Divulgâchage dans ce billet.
Sabrina est une comédie romantique particulièrement réussie par un Billy Wilder aux manettes à l'écriture - où il est comme toujours très à son affaire- et à la réalisation, qui reprend et actualise les motifs de Cendrillon pour en faire un conte de fée moderne.
Le film est plaisant à suivre et bien écrit, mais il est surtout dominé par ses interprètes, à commencer par la pétillante Audrey Hepburn, et un William Holden convaincant (malgré un peu trop d'années au compteur en comparaison de la très jeune Hepburn) en play-boy inconstant et égocentrique. Et si on peut se dire que le film aurait sans doute eu une autre aura avec Cary Grant dans le rôle de Linus Larabee comme c'était prévu à la base, Humphrey Bogart s'en tire magnifiquement dans son rôle (un peu à contre emploi) de vieux bougon manipulateur rattrapé par ses propres sentiments. Les seconds rôles ne sont pas en reste et la bande de domestiques, premiers supporters de Sabrina, sert de vecteur aux sentiments des spectateurs vis à vis de la jeune fille.
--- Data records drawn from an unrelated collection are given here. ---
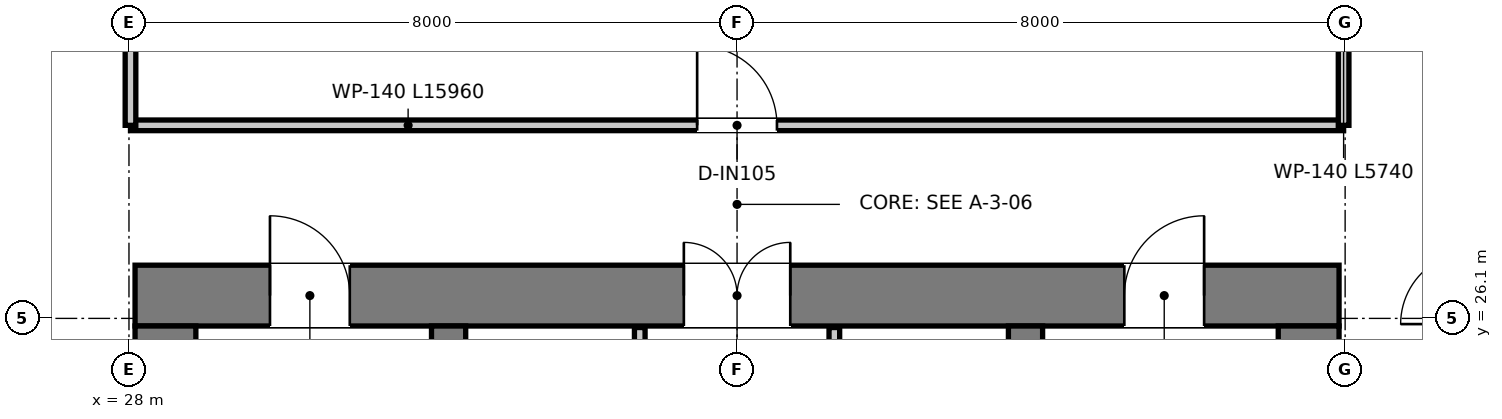
"""IFC4 building model, lengths in metres.
Left out: names, types, materials, properties, quantities, classifications, styles, units other than length and angle.
Written with IfcOpenShell. Run it as: python <this file> out.ifc"""

import sys

from ifc_helpers import new_model, si_unit, direction, frame, frame_2d, origin, place, context, subcontext, project, spatial, rectangle, extrude, element, fill, save


model = new_model("IFC4")
c1 = context("Model", 3, precision=1e-05, world=origin(), true_north=direction((0.0, 1.0)))
c2 = subcontext(c1, "Body", "Model", "MODEL_VIEW")
j1 = project(units=[si_unit("LENGTHUNIT", "METRE"), si_unit("PLANEANGLEUNIT", "RADIAN")], contexts=[c1])
p1 = place(None, origin())
s1 = spatial("IfcSite", under=j1, at=p1, CompositionType="ELEMENT")
p2 = place(p1, origin())
s2 = spatial("IfcBuilding", under=s1, at=p2, CompositionType="ELEMENT")
p3 = place(p2, frame((0.0, 0.0, 56.6)))
s3 = spatial("IfcBuildingStorey", under=s2, at=p3, CompositionType="ELEMENT", Elevation=56.6)
p4 = place(p3, frame((28.08, 26.4, 0.0), z_axis=(0.0, 0.0, 1.0), x_axis=(1.0, 0.0, 0.0)))
e1 = element("IfcWall", 1, at=p4, inside=s3, PredefinedType="SHEAR", context=c2, shape_type="SweptSolid", body=[
    extrude(rectangle(XDim=15.84, YDim=0.8, at=frame_2d((7.92, 0.0))), origin(), (0.0, 0.0, 1.0), 3.95),
])
p5 = place(p4, frame((7.22, 0.0, 0.0)))
e2 = element("IfcOpeningElement", 2, at=p5, cuts=e1, PredefinedType="OPENING", context=c2, shape_type="SweptSolid", body=[
    extrude(rectangle(XDim=1.4, YDim=2.2, at=frame_2d((0.7, 1.1))), frame((0.0, 0.41, 0.0), z_axis=(0.0, -1.0, 0.0), x_axis=(1.0, 0.0, 0.0)), (0.0, 0.0, 1.0), 0.82),
])
p6 = place(p4, frame((1.775, 0.0, 0.0)))
e3 = element("IfcOpeningElement", 3, at=p6, cuts=e1, PredefinedType="OPENING", context=c2, shape_type="SweptSolid", body=[
    extrude(rectangle(XDim=1.05, YDim=2.1, at=frame_2d((0.525, 1.05))), frame((0.0, 0.41, 0.0), z_axis=(0.0, -1.0, 0.0), x_axis=(1.0, 0.0, 0.0)), (0.0, 0.0, 1.0), 0.82),
])
p7 = place(p4, frame((13.015, 0.0, 0.0)))
e4 = element("IfcOpeningElement", 4, at=p7, cuts=e1, PredefinedType="OPENING", context=c2, shape_type="SweptSolid", body=[
    extrude(rectangle(XDim=1.05, YDim=2.1, at=frame_2d((0.525, 1.05))), frame((0.0, 0.41, 0.0), z_axis=(0.0, -1.0, 0.0), x_axis=(1.0, 0.0, 0.0)), (0.0, 0.0, 1.0), 0.82),
])
for number, where, z_axis, x_axis in (
    (5, (28.48, 11.3, 0.0), (0.0, 0.0, 1.0), (0.0, 1.0, 0.0)),
    (6, (43.52, 11.3, 0.0), (0.0, 0.0, 1.0), (0.0, 1.0, 0.0)),
):
    element("IfcWall", number, at=place(p3, frame(where, z_axis=z_axis, x_axis=x_axis)), inside=s3, PredefinedType="SHEAR", context=c2, shape_type="SweptSolid", body=[
        extrude(rectangle(XDim=14.7, YDim=0.8, at=frame_2d((7.35, 0.0))), origin(), (0.0, 0.0, 1.0), 3.95),
    ])
p8 = place(p3, frame((32.205, 13.22, 0.0), z_axis=(0.0, 0.0, 1.0), x_axis=(0.0, 1.0, 0.0)))
e7 = element("IfcWall", 7, at=p8, inside=s3, PredefinedType="SHEAR", context=c2, shape_type="SweptSolid", body=[
    extrude(rectangle(XDim=12.78, YDim=0.45, at=frame_2d((6.39, 0.0))), origin(), (0.0, 0.0, 1.0), 3.95),
])
p9 = place(p8, frame((10.58, 0.0, 0.0)))
e8 = element("IfcOpeningElement", 8, at=p9, cuts=e7, PredefinedType="OPENING", context=c2, shape_type="SweptSolid", body=[
    extrude(rectangle(XDim=1.1, YDim=2.15, at=frame_2d((0.55, 1.075))), frame((0.0, 0.235, 0.0), z_axis=(0.0, -1.0, 0.0), x_axis=(1.0, 0.0, 0.0)), (0.0, 0.0, 1.0), 0.47),
])
p10 = place(p3, frame((39.795, 13.22, 0.0), z_axis=(0.0, 0.0, 1.0), x_axis=(0.0, 1.0, 0.0)))
e9 = element("IfcWall", 9, at=p10, inside=s3, PredefinedType="SHEAR", context=c2, shape_type="SweptSolid", body=[
    extrude(rectangle(XDim=12.78, YDim=0.45, at=frame_2d((6.39, 0.0))), origin(), (0.0, 0.0, 1.0), 3.95),
])
p11 = place(p10, frame((10.58, 0.0, 0.0)))
e10 = element("IfcOpeningElement", 10, at=p11, cuts=e9, PredefinedType="OPENING", context=c2, shape_type="SweptSolid", body=[
    extrude(rectangle(XDim=1.1, YDim=2.15, at=frame_2d((0.55, 1.075))), frame((0.0, 0.235, 0.0), z_axis=(0.0, -1.0, 0.0), x_axis=(1.0, 0.0, 0.0)), (0.0, 0.0, 1.0), 0.47),
])
p12 = place(p3, frame((34.72, 20.2, 0.0), z_axis=(0.0, 0.0, 1.0), x_axis=(0.0, 1.0, 0.0)))
e11 = element("IfcWall", 11, at=p12, inside=s3, PredefinedType="PARTITIONING", context=c2, shape_type="SweptSolid", body=[
    extrude(rectangle(XDim=5.78, YDim=0.14, at=frame_2d((2.89, 0.0))), origin(), (0.0, 0.0, 1.0), 2.47),
])
p13 = place(p12, frame((1.05, 0.0, 0.0)))
e12 = element("IfcOpeningElement", 12, at=p13, cuts=e11, PredefinedType="OPENING", context=c2, shape_type="SweptSolid", body=[
    extrude(rectangle(XDim=0.9, YDim=2.1, at=frame_2d((0.45, 1.05))), frame((0.0, 0.08, 0.0), z_axis=(0.0, -1.0, 0.0), x_axis=(1.0, 0.0, 0.0)), (0.0, 0.0, 1.0), 0.16),
])
p14 = place(p3, frame((37.28, 20.2, 0.0), z_axis=(0.0, 0.0, 1.0), x_axis=(0.0, 1.0, 0.0)))
e13 = element("IfcWall", 13, at=p14, inside=s3, PredefinedType="PARTITIONING", context=c2, shape_type="SweptSolid", body=[
    extrude(rectangle(XDim=5.78, YDim=0.14, at=frame_2d((2.89, 0.0))), origin(), (0.0, 0.0, 1.0), 2.47),
])
p15 = place(p14, frame((0.95, 0.0, 0.0)))
e14 = element("IfcOpeningElement", 14, at=p15, cuts=e13, PredefinedType="OPENING", context=c2, shape_type="SweptSolid", body=[
    extrude(rectangle(XDim=1.1, YDim=2.15, at=frame_2d((0.55, 1.075))), frame((0.0, 0.08, 0.0), z_axis=(0.0, -1.0, 0.0), x_axis=(1.0, 0.0, 0.0)), (0.0, 0.0, 1.0), 0.16),
])
p16 = place(p3, frame((28.02, 28.64, 0.0), z_axis=(0.0, 0.0, 1.0), x_axis=(1.0, 0.0, 0.0)))
e15 = element("IfcWall", 15, at=p16, inside=s3, PredefinedType="PARTITIONING", context=c2, shape_type="SweptSolid", body=[
    extrude(rectangle(XDim=15.96, YDim=0.14, at=frame_2d((7.98, 0.0))), origin(), (0.0, 0.0, 1.0), 3.08),
])
p17 = place(p16, frame((7.455, 0.0, 0.0)))
e16 = element("IfcOpeningElement", 16, at=p17, cuts=e15, PredefinedType="OPENING", context=c2, shape_type="SweptSolid", body=[
    extrude(rectangle(XDim=1.05, YDim=2.15, at=frame_2d((0.525, 1.075))), frame((0.0, 0.08, 0.0), z_axis=(0.0, -1.0, 0.0), x_axis=(1.0, 0.0, 0.0)), (0.0, 0.0, 1.0), 0.16),
])
for number, where, z_axis, x_axis in (
    (17, (28.02, 28.64, 0.0), (0.0, 0.0, 1.0), (0.0, 1.0, 0.0)),
    (18, (43.98, 28.64, 0.0), (0.0, 0.0, 1.0), (0.0, 1.0, 0.0)),
):
    element("IfcWall", number, at=place(p3, frame(where, z_axis=z_axis, x_axis=x_axis)), inside=s3, PredefinedType="PARTITIONING", context=c2, shape_type="SweptSolid", body=[
        extrude(rectangle(XDim=5.74, YDim=0.14, at=frame_2d((2.87, 0.0))), origin(), (0.0, 0.0, 1.0), 3.22),
    ])
p18 = place(p5, origin())
e19 = element("IfcDoor", 19, at=p18, inside=s3, OperationType="DOUBLE_DOOR_SINGLE_SWING", PredefinedType="DOOR", context=c2, shape_type="SweptSolid", body=[
    extrude(rectangle(XDim=1.4, YDim=2.2, at=frame_2d((0.7, 1.1))), frame((0.0, 0.025, 0.0), z_axis=(0.0, -1.0, 0.0), x_axis=(1.0, 0.0, 0.0)), (0.0, 0.0, 1.0), 0.05),
])
fill(e2, e19)
p19 = place(p6, origin())
e20 = element("IfcDoor", 20, at=p19, inside=s3, OperationType="SINGLE_SWING_LEFT", PredefinedType="DOOR", context=c2, shape_type="SweptSolid", body=[
    extrude(rectangle(XDim=1.05, YDim=2.1, at=frame_2d((0.525, 1.05))), frame((0.0, 0.025, 0.0), z_axis=(0.0, -1.0, 0.0), x_axis=(1.0, 0.0, 0.0)), (0.0, 0.0, 1.0), 0.05),
])
fill(e3, e20)
p20 = place(p7, origin())
e21 = element("IfcDoor", 21, at=p20, inside=s3, OperationType="SINGLE_SWING_RIGHT", PredefinedType="DOOR", context=c2, shape_type="SweptSolid", body=[
    extrude(rectangle(XDim=1.05, YDim=2.1, at=frame_2d((0.525, 1.05))), frame((0.0, 0.025, 0.0), z_axis=(0.0, -1.0, 0.0), x_axis=(1.0, 0.0, 0.0)), (0.0, 0.0, 1.0), 0.05),
])
fill(e4, e21)
p21 = place(p17, origin())
e22 = element("IfcDoor", 22, at=p21, inside=s3, OperationType="SINGLE_SWING_LEFT", PredefinedType="DOOR", context=c2, shape_type="SweptSolid", body=[
    extrude(rectangle(XDim=1.05, YDim=2.15, at=frame_2d((0.525, 1.075))), frame((0.0, 0.025, 0.0), z_axis=(0.0, -1.0, 0.0), x_axis=(1.0, 0.0, 0.0)), (0.0, 0.0, 1.0), 0.05),
])
fill(e16, e22)
save(model, sys.argv[1])

Le film est particulièrement intéressant à cause de la figure de Linus Larabee, qui fait tout à la fois figure d'antagoniste et de protagoniste de cette histoire d'amour. On ne sait pas trop que penser de cet homme d'affaires taciturne qui marie son jeune frère par intérêt, et manipule les sentiments d'une jeune fille se mettant sur le chemin de la fusion qu'il a mis en place. Bogart arrive tout de même à glisser une forme d'humour à froid et cynique au personnage qui le rend sympathique malgré son comportement machiavélique.
Wilder profite de ce film pour dresser un portrait d'une société fracturée (on pourrait même parler de lutte des classes) entre les nantis Larabee et leurs domestiques Fairchild en multipliant les lignes de démarcations entre les deux mondes (terrain de tennis, vitre de la voiture, ombres et lumière,...), pour pouvoir mieux réunir ces deux mondes à la fin de son film lorsque Linus rejoint Sabrina.
Pour que la réunion soit complète, Linus devra finalement se séparer de son parapluie, accessoire symbolisant son coté prévoyant en toute circonstance, et demandera à Sabrina de modifier son chapeau, ce double changement d'accessoires représentant un retour à la spontanéité et à l'humanité.
Sabrina devra quand à elle faire un pas vers Linus en laissant échapper un rêve (celui de David) pour accepter une réalité.
La réunion de ces deux êtres qui se veut symbolique de la réunion de ces deux classes sociales s'avère, au fond, le véritable conte de fées auquel Billy Wilder parvient à nous donner envie de croire.